The American Geriatrics Association has finally published its guidelines on gomeritis, a complex entity caused by the progressive deterioration of a gomerular brain. A brief summary follows:
Gomeritis is a complex clinical entity and should be suspected when a patient:
- Is on Namenda, Aricept, Excellon, Seroquel and Ativan
- Has pulled out his PEG more than three times in the past three weeks
- Is sent in from the nursing home with a PMHx that contains more than 40 conditions or is longer than 3 pages typed
- Has a prior history of gomeritis flares
- Is on more than 28 medications
- Is found curled into a tighter ball than usual
- Swinging and cursing at staff more than usual
Additional clues to the diagnosis may be a family assurances that “Mom is normally sharp as a tack,” “altered mental status,” on the nursing home transfer sheet, and a sodium level above 180.
AGA experts warned physicians not to confuse gomeritis with dwindles, which, while frequently precedes gomeritis is still a distinct entity, has more treatment options, and carries a slightly better prognosis.
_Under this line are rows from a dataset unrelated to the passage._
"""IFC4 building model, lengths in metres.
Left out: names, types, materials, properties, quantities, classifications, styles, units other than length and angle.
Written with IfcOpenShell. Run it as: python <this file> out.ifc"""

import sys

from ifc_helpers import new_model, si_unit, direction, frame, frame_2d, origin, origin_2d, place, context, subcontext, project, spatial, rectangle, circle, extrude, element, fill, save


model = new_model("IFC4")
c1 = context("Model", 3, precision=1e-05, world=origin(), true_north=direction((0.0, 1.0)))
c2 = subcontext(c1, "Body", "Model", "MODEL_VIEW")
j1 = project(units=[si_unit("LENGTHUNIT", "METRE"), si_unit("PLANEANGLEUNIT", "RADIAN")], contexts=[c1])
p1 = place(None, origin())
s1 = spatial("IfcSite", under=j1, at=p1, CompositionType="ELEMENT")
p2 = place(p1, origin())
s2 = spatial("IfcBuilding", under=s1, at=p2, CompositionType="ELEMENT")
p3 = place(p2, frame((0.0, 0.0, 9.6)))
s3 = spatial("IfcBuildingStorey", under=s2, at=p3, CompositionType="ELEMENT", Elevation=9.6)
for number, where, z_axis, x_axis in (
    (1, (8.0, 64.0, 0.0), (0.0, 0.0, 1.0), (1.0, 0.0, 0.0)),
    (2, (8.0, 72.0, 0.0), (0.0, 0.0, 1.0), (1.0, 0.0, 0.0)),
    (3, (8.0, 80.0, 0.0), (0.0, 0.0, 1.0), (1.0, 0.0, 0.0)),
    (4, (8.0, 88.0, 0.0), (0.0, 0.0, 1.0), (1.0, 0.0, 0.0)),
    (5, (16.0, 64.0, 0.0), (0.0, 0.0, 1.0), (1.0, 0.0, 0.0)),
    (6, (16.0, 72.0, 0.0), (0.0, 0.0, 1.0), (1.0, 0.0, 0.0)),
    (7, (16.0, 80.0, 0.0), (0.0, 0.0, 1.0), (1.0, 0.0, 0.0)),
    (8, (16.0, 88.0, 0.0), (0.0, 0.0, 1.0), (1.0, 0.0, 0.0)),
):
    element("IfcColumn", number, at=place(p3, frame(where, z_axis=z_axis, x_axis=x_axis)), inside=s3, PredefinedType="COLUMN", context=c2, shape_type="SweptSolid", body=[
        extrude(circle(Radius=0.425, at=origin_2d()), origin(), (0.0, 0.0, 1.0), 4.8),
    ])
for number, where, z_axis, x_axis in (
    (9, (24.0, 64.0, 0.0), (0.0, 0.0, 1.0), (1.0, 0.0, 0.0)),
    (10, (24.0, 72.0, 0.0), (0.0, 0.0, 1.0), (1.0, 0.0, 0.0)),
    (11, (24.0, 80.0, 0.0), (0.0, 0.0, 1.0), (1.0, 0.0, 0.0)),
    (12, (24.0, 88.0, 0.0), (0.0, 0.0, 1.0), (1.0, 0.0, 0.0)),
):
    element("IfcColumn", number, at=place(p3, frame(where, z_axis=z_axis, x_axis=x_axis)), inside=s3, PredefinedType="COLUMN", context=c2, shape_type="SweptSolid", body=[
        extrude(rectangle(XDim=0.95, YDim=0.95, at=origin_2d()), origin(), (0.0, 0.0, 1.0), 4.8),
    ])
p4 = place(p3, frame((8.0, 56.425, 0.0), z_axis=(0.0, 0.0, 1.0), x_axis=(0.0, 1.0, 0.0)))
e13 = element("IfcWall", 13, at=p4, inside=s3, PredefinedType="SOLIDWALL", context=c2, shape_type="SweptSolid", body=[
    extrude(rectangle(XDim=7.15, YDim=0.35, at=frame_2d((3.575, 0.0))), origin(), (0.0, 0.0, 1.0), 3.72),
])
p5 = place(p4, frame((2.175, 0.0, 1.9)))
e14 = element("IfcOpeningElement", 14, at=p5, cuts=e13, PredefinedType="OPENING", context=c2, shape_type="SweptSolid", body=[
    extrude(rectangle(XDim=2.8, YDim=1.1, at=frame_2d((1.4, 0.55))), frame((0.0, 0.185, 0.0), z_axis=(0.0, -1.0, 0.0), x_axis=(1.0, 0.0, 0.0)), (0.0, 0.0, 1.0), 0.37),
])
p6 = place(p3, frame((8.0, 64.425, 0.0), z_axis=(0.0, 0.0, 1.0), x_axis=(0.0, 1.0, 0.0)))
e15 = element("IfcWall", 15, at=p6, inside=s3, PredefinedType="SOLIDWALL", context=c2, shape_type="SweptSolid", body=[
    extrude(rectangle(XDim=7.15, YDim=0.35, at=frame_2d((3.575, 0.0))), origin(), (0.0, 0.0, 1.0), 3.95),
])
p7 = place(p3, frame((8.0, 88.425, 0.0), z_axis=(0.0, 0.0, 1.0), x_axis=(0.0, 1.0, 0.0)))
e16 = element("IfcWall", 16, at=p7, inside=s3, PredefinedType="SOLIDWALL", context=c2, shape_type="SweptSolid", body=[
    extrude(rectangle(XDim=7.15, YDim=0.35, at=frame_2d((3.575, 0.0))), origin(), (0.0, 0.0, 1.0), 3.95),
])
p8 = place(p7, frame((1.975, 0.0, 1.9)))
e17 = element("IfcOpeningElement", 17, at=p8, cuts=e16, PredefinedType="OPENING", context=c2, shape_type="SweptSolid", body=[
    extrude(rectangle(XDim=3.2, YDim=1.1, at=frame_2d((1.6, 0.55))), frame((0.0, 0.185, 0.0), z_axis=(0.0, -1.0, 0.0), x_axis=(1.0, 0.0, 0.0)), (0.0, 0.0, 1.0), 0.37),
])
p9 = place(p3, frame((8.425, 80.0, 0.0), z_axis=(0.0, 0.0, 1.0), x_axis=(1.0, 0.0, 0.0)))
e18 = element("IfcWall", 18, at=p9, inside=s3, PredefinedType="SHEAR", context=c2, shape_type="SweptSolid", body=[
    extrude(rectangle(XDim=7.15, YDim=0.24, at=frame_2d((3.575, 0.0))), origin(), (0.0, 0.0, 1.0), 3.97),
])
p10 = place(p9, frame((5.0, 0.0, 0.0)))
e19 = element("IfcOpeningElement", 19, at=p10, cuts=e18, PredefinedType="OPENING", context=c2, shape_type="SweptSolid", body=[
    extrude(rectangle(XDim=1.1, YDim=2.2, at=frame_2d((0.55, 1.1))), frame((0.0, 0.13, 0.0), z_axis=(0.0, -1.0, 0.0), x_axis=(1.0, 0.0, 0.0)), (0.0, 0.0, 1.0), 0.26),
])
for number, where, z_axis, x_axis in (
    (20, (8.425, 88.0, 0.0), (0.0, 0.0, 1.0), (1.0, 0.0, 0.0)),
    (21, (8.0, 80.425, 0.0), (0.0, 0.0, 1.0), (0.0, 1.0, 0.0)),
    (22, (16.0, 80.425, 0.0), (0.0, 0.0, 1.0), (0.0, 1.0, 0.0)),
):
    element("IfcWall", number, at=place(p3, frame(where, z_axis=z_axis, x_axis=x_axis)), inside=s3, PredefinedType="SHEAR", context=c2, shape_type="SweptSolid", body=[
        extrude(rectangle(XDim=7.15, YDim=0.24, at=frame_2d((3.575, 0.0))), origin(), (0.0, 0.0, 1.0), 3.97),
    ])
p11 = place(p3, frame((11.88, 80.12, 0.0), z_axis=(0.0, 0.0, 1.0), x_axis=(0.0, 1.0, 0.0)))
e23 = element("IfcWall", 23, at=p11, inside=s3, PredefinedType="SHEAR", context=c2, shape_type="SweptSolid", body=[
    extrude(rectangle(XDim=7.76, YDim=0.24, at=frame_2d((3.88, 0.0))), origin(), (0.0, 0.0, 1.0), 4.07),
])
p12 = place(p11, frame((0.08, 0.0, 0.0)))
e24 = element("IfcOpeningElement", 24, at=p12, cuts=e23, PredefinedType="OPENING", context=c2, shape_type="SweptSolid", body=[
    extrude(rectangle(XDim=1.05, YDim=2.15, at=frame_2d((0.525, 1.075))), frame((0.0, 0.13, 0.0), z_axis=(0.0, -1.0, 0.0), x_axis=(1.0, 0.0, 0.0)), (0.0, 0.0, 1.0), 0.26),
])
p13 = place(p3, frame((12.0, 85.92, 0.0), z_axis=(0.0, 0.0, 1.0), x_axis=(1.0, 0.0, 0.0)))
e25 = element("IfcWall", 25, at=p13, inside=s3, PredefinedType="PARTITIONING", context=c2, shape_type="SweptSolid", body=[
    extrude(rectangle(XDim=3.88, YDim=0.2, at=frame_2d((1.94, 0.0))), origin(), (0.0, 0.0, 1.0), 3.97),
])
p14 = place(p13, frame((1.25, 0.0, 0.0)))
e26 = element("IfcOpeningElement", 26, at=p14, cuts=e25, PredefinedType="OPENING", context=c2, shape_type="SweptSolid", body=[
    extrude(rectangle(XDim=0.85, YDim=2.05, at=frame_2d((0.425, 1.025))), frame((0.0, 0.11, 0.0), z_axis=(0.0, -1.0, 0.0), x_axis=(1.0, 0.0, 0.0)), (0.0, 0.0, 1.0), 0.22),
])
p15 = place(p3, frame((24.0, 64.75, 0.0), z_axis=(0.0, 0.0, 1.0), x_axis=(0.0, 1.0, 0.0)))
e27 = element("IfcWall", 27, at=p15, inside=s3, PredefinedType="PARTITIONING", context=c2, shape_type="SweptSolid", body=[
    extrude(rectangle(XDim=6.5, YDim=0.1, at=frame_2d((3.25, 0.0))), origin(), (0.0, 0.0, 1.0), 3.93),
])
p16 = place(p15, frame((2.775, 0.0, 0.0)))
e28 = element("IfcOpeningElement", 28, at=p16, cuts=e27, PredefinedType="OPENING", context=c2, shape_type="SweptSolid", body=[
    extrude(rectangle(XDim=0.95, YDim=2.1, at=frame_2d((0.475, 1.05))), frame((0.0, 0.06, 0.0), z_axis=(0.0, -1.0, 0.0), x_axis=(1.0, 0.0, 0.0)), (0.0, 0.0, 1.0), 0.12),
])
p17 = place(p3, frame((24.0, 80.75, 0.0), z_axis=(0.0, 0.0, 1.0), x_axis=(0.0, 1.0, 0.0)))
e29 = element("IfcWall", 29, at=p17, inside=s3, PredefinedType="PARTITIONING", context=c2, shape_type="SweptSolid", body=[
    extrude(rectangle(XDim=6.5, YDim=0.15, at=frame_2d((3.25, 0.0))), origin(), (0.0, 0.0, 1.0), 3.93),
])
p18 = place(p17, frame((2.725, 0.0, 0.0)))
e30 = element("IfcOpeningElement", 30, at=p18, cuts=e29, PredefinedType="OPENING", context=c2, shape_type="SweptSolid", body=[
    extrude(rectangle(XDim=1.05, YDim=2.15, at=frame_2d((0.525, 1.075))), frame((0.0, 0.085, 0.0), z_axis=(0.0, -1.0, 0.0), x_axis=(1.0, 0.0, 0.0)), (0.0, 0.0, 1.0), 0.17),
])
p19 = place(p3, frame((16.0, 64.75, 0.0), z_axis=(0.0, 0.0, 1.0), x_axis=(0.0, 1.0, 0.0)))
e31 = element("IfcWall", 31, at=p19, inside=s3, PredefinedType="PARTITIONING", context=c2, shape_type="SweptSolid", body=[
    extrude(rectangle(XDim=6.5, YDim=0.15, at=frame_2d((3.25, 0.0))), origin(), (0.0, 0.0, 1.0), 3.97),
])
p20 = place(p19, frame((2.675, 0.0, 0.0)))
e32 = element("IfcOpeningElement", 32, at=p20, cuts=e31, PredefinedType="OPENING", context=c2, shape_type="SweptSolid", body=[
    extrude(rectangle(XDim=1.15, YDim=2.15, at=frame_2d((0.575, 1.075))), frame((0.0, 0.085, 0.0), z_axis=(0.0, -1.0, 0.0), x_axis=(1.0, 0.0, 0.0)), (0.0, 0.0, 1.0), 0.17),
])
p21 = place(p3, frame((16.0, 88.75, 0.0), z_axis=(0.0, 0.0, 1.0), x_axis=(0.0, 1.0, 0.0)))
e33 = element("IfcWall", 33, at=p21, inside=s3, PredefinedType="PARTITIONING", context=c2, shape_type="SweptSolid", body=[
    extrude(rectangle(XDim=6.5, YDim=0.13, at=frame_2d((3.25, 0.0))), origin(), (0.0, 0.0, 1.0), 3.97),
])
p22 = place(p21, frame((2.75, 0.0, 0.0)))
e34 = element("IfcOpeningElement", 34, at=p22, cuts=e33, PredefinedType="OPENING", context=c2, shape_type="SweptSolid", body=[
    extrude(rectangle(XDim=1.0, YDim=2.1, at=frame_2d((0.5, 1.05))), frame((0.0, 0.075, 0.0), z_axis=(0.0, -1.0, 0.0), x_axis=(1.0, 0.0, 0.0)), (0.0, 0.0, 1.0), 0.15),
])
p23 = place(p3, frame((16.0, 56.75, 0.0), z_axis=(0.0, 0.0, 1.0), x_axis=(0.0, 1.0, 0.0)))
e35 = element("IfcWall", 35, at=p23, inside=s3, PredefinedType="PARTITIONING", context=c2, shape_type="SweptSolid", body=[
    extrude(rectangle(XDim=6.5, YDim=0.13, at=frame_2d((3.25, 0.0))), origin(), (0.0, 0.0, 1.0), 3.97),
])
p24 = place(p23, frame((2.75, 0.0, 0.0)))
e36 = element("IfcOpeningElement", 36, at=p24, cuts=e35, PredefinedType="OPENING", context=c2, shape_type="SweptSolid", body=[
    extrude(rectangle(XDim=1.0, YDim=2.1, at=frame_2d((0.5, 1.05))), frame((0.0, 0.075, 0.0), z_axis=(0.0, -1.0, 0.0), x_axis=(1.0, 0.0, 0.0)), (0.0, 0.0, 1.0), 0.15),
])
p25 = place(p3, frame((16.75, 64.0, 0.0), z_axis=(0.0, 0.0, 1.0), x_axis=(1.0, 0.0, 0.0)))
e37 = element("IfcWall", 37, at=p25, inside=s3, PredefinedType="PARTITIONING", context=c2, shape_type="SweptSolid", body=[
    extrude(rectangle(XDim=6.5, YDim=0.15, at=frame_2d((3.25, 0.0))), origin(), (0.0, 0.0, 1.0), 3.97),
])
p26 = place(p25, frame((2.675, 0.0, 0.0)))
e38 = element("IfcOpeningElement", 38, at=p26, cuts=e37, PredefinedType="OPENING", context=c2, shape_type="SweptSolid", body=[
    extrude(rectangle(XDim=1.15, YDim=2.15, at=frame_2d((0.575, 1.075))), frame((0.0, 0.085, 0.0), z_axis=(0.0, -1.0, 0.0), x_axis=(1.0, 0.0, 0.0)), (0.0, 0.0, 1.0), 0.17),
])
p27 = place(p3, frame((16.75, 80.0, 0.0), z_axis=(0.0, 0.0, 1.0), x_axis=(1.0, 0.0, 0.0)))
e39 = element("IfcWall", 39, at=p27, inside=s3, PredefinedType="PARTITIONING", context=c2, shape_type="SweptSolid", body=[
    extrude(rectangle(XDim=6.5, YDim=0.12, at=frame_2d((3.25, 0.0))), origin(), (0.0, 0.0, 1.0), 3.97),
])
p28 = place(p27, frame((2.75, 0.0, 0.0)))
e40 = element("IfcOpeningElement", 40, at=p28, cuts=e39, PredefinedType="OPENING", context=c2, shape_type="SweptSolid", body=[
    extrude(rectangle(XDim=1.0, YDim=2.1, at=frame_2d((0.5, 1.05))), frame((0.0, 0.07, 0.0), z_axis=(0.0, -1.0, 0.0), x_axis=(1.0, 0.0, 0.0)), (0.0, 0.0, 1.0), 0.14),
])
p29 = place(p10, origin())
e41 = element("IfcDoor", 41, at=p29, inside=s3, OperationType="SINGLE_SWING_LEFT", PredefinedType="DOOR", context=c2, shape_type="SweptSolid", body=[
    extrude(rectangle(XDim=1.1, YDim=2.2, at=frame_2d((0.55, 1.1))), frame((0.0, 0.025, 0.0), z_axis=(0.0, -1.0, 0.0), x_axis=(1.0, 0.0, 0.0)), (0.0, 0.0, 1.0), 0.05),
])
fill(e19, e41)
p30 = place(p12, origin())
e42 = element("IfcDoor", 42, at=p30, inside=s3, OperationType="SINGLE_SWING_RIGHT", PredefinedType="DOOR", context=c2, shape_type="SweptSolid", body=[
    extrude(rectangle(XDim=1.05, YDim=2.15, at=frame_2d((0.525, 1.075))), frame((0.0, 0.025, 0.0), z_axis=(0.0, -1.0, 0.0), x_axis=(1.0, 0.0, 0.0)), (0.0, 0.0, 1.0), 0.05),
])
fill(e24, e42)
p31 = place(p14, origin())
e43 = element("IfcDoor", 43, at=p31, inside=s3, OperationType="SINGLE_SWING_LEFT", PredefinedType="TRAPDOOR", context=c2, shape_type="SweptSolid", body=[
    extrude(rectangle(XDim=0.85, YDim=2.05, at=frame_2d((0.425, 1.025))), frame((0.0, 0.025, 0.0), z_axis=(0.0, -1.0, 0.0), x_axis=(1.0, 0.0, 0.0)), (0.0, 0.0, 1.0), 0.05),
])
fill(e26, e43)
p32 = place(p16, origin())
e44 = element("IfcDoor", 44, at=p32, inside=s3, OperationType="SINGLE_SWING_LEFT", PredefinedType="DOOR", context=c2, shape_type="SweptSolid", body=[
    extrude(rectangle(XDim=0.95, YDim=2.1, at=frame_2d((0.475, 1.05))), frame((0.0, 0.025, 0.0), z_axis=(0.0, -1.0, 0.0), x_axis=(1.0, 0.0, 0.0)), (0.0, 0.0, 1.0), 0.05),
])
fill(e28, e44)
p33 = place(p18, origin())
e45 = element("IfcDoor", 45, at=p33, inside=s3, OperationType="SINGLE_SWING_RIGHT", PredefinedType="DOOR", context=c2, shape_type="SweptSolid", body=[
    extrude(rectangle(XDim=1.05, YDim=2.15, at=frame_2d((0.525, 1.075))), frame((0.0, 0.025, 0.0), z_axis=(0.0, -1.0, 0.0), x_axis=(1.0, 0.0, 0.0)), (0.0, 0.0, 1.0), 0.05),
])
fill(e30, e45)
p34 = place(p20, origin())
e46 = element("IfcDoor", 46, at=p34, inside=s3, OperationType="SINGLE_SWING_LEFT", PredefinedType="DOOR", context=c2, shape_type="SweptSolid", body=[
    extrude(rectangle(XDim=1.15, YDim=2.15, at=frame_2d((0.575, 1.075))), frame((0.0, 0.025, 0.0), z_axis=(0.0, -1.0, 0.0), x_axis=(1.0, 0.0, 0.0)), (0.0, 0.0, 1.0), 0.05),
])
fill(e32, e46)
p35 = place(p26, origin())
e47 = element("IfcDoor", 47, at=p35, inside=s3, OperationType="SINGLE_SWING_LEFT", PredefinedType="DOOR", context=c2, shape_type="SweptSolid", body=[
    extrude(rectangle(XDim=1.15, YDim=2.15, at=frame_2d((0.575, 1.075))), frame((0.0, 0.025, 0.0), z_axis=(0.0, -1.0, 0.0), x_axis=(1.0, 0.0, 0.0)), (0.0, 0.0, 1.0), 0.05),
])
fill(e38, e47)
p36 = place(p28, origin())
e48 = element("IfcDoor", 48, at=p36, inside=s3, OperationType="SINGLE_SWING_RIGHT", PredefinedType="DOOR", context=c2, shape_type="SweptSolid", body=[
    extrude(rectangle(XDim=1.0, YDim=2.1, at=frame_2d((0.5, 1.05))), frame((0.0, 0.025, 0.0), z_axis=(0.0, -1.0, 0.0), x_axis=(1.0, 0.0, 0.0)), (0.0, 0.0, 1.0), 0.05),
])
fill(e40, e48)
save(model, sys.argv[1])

It is important for practitioners to understand that gomeritis is a progressive and incurable condition. Optimal strategies for managing gomeritis flares are not agreed upon. Various experts recommend broad-spectrum antibiotics, broad-spectrum antipsychotics, broad-spectrum laxatives, trials of hydration, trials of diuresis, and broad-spectrum consults.
A recent multi-center single arm trial of Turfing Admitted Patient with GOMERitis (TAP GOMER) concluded that, “The only feasible service where a gomeritis patient can be turfed is psychiatry and only if they have too many open beds.” Authors further concluded that the benefit of a successful turf were outweighed by the costs of having to read lengthy psychiatry consults with NNT (number needed to turf) of 48.
At present an approach of, “Lets just watch them for a while and send them back” is being evaluated across several centers against a control of high doses of intravenous Haldol.